Matthews most definitely did not take a hometown discount. But he did lop enough off the term and sold only one year of UFA, to keep the AAV as low as he would ever be willing to sign for so the Leafs can sort out next year’s cap.

One thing I’m very sure of, he was not signing at any term for less than Tavares’s AAV.

There is no reason to think that Auston Matthews is going to get cheaper. And that’s the root of the fear that in five years either he’ll leave for somewhere with more ability to pay or he’ll re-sign for a really big amount that is terrifying to consider. It’s also why waiting for the coming summer to do the deal carries real risk his price could go up post-playoffs.

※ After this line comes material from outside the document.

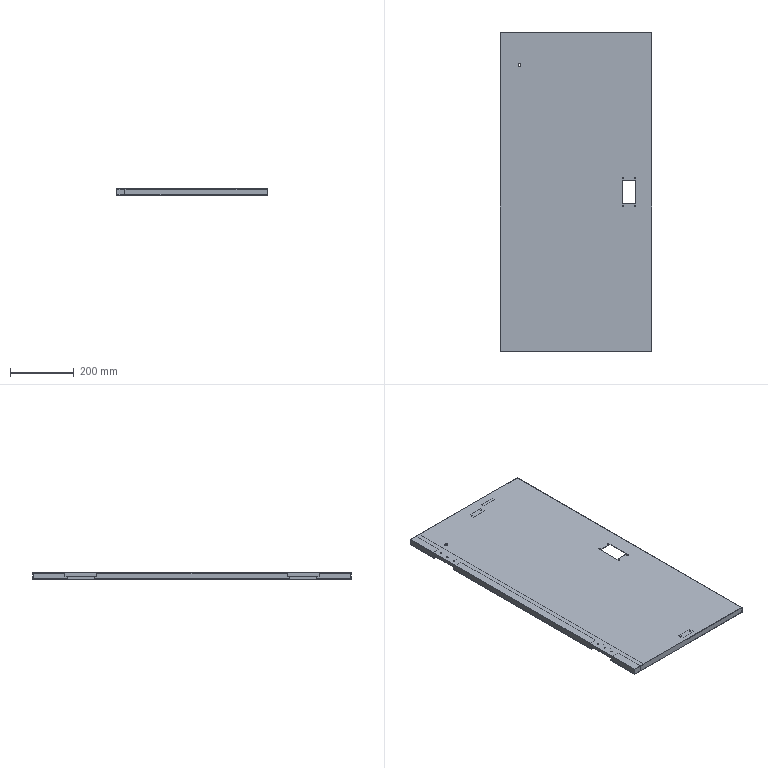Component | SolidWorks | SYM0671-81-200-1_SYM0671-81-201-1 | 1 solid | 108 faces | volume 953755 mm3 | plane 74 | cylinder 34 | commonest cylinder face diameters 3 x12 4 x12 5 x8 9 x2 | material Steel

The short-term deal is what this deal had to be in order to not be a problem now. His gift to the Leafs is six cup runs with a corps of elite players paid what will, if Matthews has played this right, look like nothing special when his next deal is negotiated.

To go back to the mortgage analogy here, Matthews is calling the shots, not Dubas. We might have thought the AAV on a long-term deal should be some nice comfortable number that makes us happy and feels secure. But the Leafs can’t afford a secure, eight years of Matthews at a locked down rate. They had to take their chances with all that coming inflation, and take the reduced term deal. Inflation works for them too, remember. If the cap and Matthews’ value go up like he’s betting on, we might be really damn happy to haul him out of a fountain in the summer of 2024 long enough to sign an extension that makes this one look comically small.

You see, where I had this wrong was that I thought Matthews was the sort of player who would buy security, that he was the little spec of nothing going begging to the big bank. But he’s not. He is the bank, in fact he is the reason Scotiabank paid what it did to splash its name on the side of the arena Auston Matthews plays in. The Leafs can’t afford to lock him down long-term, not right now.

I really understand why fans wanted the Leafs to somehow get the security and comfort of a certain future with Matthews. But I also know that the Leafs had no way to make him value himself at anything less. He wouldn’t be who he is if he did. This day was coming from the moment the lottery balls fell favourably and our joy ran riot. He was always going to get paid, it was just a matter of when.

The immediate future is exactly the same as it would have been if he’d offered to sell himself cheap. And five years is a long time from now.